Kinetics of Penetration Influence the Apparent Potency of Vanilloids on TRPV1

Laboratory of Cellular Carcinogenesis and Tumor Promotion (J.L., D.C.B., A.T., Y.W., L.V.P., V.A.P., P.M.B.) and Laboratory of Experimental Carcinogenesis (S.H.G., S.W.) National Cancer Institute, National Institutes of Health, Bethesda, Maryland; Department of Biology, Gallaudet University, Washington DC (D.C.B.); and Research Institute of Pharmaceutical Sciences, College of Pharmacy, Seoul National University, Seoul, South Korea (H.-K.C., J.L.)

Abstract

Evidence that the ligand binding site of TRPV1 lies on the inner face of the plasma membrane and that much of the TRPV1 itself is localized to internal membranes suggests that the rate of ligand entry into the cell may be an important determinant of the kinetics of ligand action. In this study, we synthesized a BODIPY TR-labeled fluorescent capsaicin analog (CHK-884) so that we could directly measure ligand entry.

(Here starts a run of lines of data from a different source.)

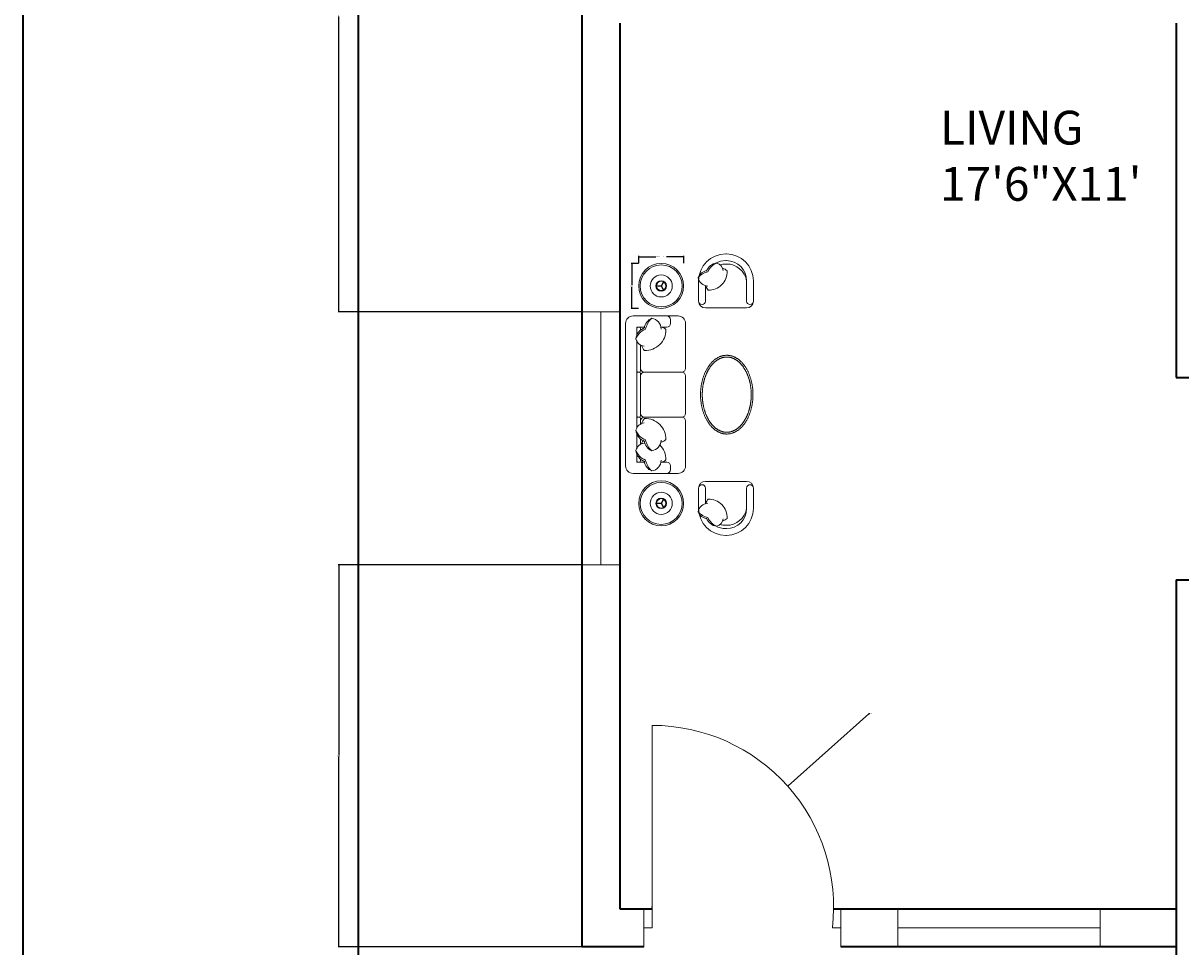
# Model space of a CAD drawing. Units: inches. Extents: x 1976 to 2558, y -977 to 2909.
# Tile 4 of 8: x 1976 to 2251, y 2026 to 2245. Entities that reach past the tile are written whole.
import ezdxf

# ---------------------------------------------------------------- set-up
doc = ezdxf.new("R2010")
doc.units = ezdxf.units.IN
for name, color, linetype, lineweight in [('A-ANNO-DIMS', 2, 'Continuous', 18), ('A-ANNO-TTLB', 7, 'Continuous', 35), ('A-AREA-IDEN', 7, 'Continuous', 18), ('A-DOOR', 3, 'Continuous', 18), ('A-FURN', 8, 'Continuous', 13), ('A-GLAZ', 4, 'Continuous', 18), ('A-WALL', 7, 'Continuous', 35)]:
    doc.layers.add(name, color=color, linetype=linetype, lineweight=lineweight)
doc.styles.get("Standard").update_dxf_attribs({"font": 'arial.ttf'})
doc.dimstyles.get("Standard").update_dxf_attribs({"dimtxt": 0.18, "dimasz": 0.18, "dimexe": 0.18, "dimexo": 0.0625, "dimgap": 0.09, "dimtad": 0, "dimtih": 1, "dimtoh": 1, "dimdec": 4, "dimzin": 0, "dimdsep": 46, "dimtxsty": 'Standard', "dimcen": 0.09, "dimadec": 0, "dimazin": 0, "dimtfac": 1, "dimtdec": 4, "dimtofl": 0, "dimtmove": 0, "dimatfit": 3, "dimfxl": 1, "dimtolj": 1, "dimtzin": 0, "dimarcsym": 0})

# ---------------------------------------------------------------- blocks, each defined once
blk = doc.blocks.new('TABLE-END-ROUND')
at = {"ltscale": 0.03}
for p, q in [((5.29, 5.36), (5.91, 6.45)), ((5.38, 5.31), (6.01, 6.39)), ((5.33, 5.39), (4.08, 5.39)), ((5.33, 5.28), (4.08, 5.28)), ((5.29, 5.31), (5.91, 4.22)), ((5.38, 5.36), (6.01, 4.28))]:
    blk.add_line(p, q, dxfattribs=at)
for radius in [5.33, 2.62, 1.25, 1.12]:
    blk.add_circle((5.33, 5.33), radius, dxfattribs=at)
blk.add_circle((5.33, 5.33), 4.98)
blk = doc.blocks.new('WIN-60-PLAN')
for p, q in [((4.5, 60), (0, 60)), ((0, 60), (9, 60)), ((4.5, 0), (4.5, 60)), ((0, 0), (9, 0)), ((9, 0), (4.5, 0))]:
    blk.add_line(p, q)
blk = doc.blocks.new('*D17')
at = {"layer": 'A-ANNO-DIMS', "color": 0, "lineweight": -2, "transparency": 16777216}
for p, q in [((2121.92, 2188.58), (2121.92, 2190.29)), ((2122.1, 2190.11), (2126, 2190.11)), ((2132.41, 2190.11), (2128.51, 2190.11)), ((2132.59, 2188.58), (2132.59, 2190.29))]:
    blk.add_line(p, q, dxfattribs=at)
at = {"layer": 'A-ANNO-DIMS', "color": 0, "transparency": 16777216}
for points in [[(2122.1, 2190.14), (2122.1, 2190.08), (2121.92, 2190.11)], [(2132.41, 2190.14), (2132.41, 2190.08), (2132.59, 2190.11)]]:
    blk.add_solid(points, dxfattribs=at)
at = {"layer": 'Defpoints', "color": 0, "transparency": 16777216}
for p in [(2132.59, 2190.11), (2121.92, 2188.51), (2132.59, 2188.51)]:
    blk.add_point(p, dxfattribs=at)
at = {"layer": 'A-ANNO-DIMS', "color": 0, "transparency": 16777216, "insert": (2127.26, 2190.11), "char_height": 0.18, "attachment_point": 5}
blk.add_mtext('\\A1;END TABLE 11 TYP.', dxfattribs=at)
blk = doc.blocks.new('*D18')
at = {"layer": 'A-ANNO-DIMS', "color": 0, "lineweight": -2, "transparency": 16777216}
for p, q in [((2121.86, 2188.51), (2120.14, 2188.51)), ((2120.32, 2188.33), (2120.32, 2183.36)), ((2120.32, 2178.03), (2120.32, 2183)), ((2121.86, 2177.85), (2120.14, 2177.85))]:
    blk.add_line(p, q, dxfattribs=at)
at = {"layer": 'A-ANNO-DIMS', "color": 0, "transparency": 16777216}
for points in [[(2120.29, 2188.33), (2120.35, 2188.33), (2120.32, 2188.51)], [(2120.29, 2178.03), (2120.35, 2178.03), (2120.32, 2177.85)]]:
    blk.add_solid(points, dxfattribs=at)
at = {"layer": 'Defpoints', "color": 0, "transparency": 16777216}
for p in [(2120.32, 2188.51), (2121.92, 2188.51), (2121.92, 2177.85)]:
    blk.add_point(p, dxfattribs=at)
at = {"layer": 'A-ANNO-DIMS', "color": 0, "transparency": 16777216, "insert": (2120.32, 2183.18), "char_height": 0.18, "attachment_point": 5}
blk.add_mtext('\\A1;11 TYP.', dxfattribs=at)
blk = doc.blocks.new('*D35')
at = {"layer": 'A-ANNO-DIMS', "color": 0, "lineweight": -2, "transparency": 16777216}
for p, q in [((2108.38, 2317.5), (2050.58, 2317.5)), ((2050.76, 2317.32), (2050.76, 2247.46)), ((2050.76, 2177.24), (2050.76, 2247.1)), ((2108.38, 2177.06), (2050.58, 2177.06))]:
    blk.add_line(p, q, dxfattribs=at)
at = {"layer": 'A-ANNO-DIMS', "color": 0, "transparency": 16777216}
for points in [[(2050.73, 2317.32), (2050.79, 2317.32), (2050.76, 2317.5)], [(2050.73, 2177.24), (2050.79, 2177.24), (2050.76, 2177.06)]]:
    blk.add_solid(points, dxfattribs=at)
at = {"layer": 'Defpoints', "color": 0, "transparency": 16777216}
for p in [(2108.44, 2317.5), (2050.76, 2177.06), (2108.44, 2177.06)]:
    blk.add_point(p, dxfattribs=at)
at = {"layer": 'A-ANNO-DIMS', "color": 0, "transparency": 16777216, "insert": (2050.76, 2247.28), "char_height": 0.18, "attachment_point": 5}
blk.add_mtext('\\A1;140.44', dxfattribs=at)
blk = doc.blocks.new('*D36')
at = {"layer": 'A-ANNO-DIMS', "color": 0, "lineweight": -2, "transparency": 16777216}
for p, q in [((2108.38, 2117.06), (2050.58, 2117.06)), ((2050.76, 2116.88), (2050.76, 2071.95)), ((2050.76, 2026.66), (2050.76, 2071.59)), ((2108.38, 2026.48), (2050.58, 2026.48))]:
    blk.add_line(p, q, dxfattribs=at)
at = {"layer": 'A-ANNO-DIMS', "color": 0, "transparency": 16777216}
for points in [[(2050.73, 2116.88), (2050.79, 2116.88), (2050.76, 2117.06)], [(2050.73, 2026.66), (2050.79, 2026.66), (2050.76, 2026.48)]]:
    blk.add_solid(points, dxfattribs=at)
at = {"layer": 'Defpoints', "color": 0, "transparency": 16777216}
for p in [(2108.44, 2117.06), (2050.76, 2026.48), (2108.44, 2026.48)]:
    blk.add_point(p, dxfattribs=at)
at = {"layer": 'A-ANNO-DIMS', "color": 0, "transparency": 16777216, "insert": (2050.76, 2071.77), "char_height": 0.18, "attachment_point": 5}
blk.add_mtext('\\A1;90.58', dxfattribs=at)
blk = doc.blocks.new('*D88')
at = {"layer": 'A-ANNO-DIMS', "color": 0, "lineweight": -2, "transparency": 16777216}
for p, q in [((2176.55, 2081.75), (2157.4, 2064.69)), ((2176.73, 2081.75), (2176.55, 2081.75)), ((2125.03, 2035.93), (2125.21, 2035.93)), ((2125.12, 2035.84), (2125.12, 2036.02))]:
    blk.add_line(p, q, dxfattribs=at)
at = {"layer": 'A-ANNO-DIMS', "color": 0, "transparency": 16777216}
blk.add_solid([(2157.38, 2064.71), (2157.42, 2064.66), (2157.27, 2064.57)], dxfattribs=at)
at = {"layer": 'Defpoints', "color": 0, "transparency": 16777216}
for p in [(2157.27, 2064.57), (2125.12, 2035.93)]:
    blk.add_point(p, dxfattribs=at)
at = {"layer": 'A-ANNO-DIMS', "color": 0, "transparency": 16777216, "insert": (2177.21, 2081.75), "char_height": 0.18, "attachment_point": 5}
blk.add_mtext('\\A1;R43.05', dxfattribs=at)

msp = doc.modelspace()

# ---------------------------------------------------------------- linework, layer by layer
at = {"layer": 'A-ANNO-TTLB'}
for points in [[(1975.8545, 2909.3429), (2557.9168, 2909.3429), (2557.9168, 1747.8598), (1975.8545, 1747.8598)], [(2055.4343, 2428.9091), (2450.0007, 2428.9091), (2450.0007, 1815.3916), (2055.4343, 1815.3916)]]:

We report that CHK-884 penetrated only slowly into Chinese hamster ovary (CHO) cells expressing rat TRPV1, with a t_1/2 of 30 ± 4 min, and localized in the endoplasmic reticulum and Golgi. Although CHK-884 was only weakly potent for TRPV1 binding (K_i = 6400 ± 230 nM), it was appreciably more potent when assayed by intracellular calcium imaging and was 3.2-fold more potent with a 1-h incubation time (37 nM) than with a 5-min incubation time. Olvanil, a highly lipophilic vanilloid, yielded an EC₅₀ of 4.3 nM upon intracellular calcium imaging with an incubation time of 1 h, compared with an EC₅₀ value of 29.5 nM for calcium imaging assayed at 5 min. Likewise, the antagonist 5-iodo-resiniferatoxin (5-iodo-RTX) displayed a K_i of 4.2 pM if incubated with CHO-TRPV1 cells for 2 h before addition of capsaicin compared with 1.5 nM if added simultaneously. We conclude that some vanilloids may have slow kinetics of uptake; this slow uptake may affect assessment of structure activity relations and may represent a significant factor for vanilloid drug design.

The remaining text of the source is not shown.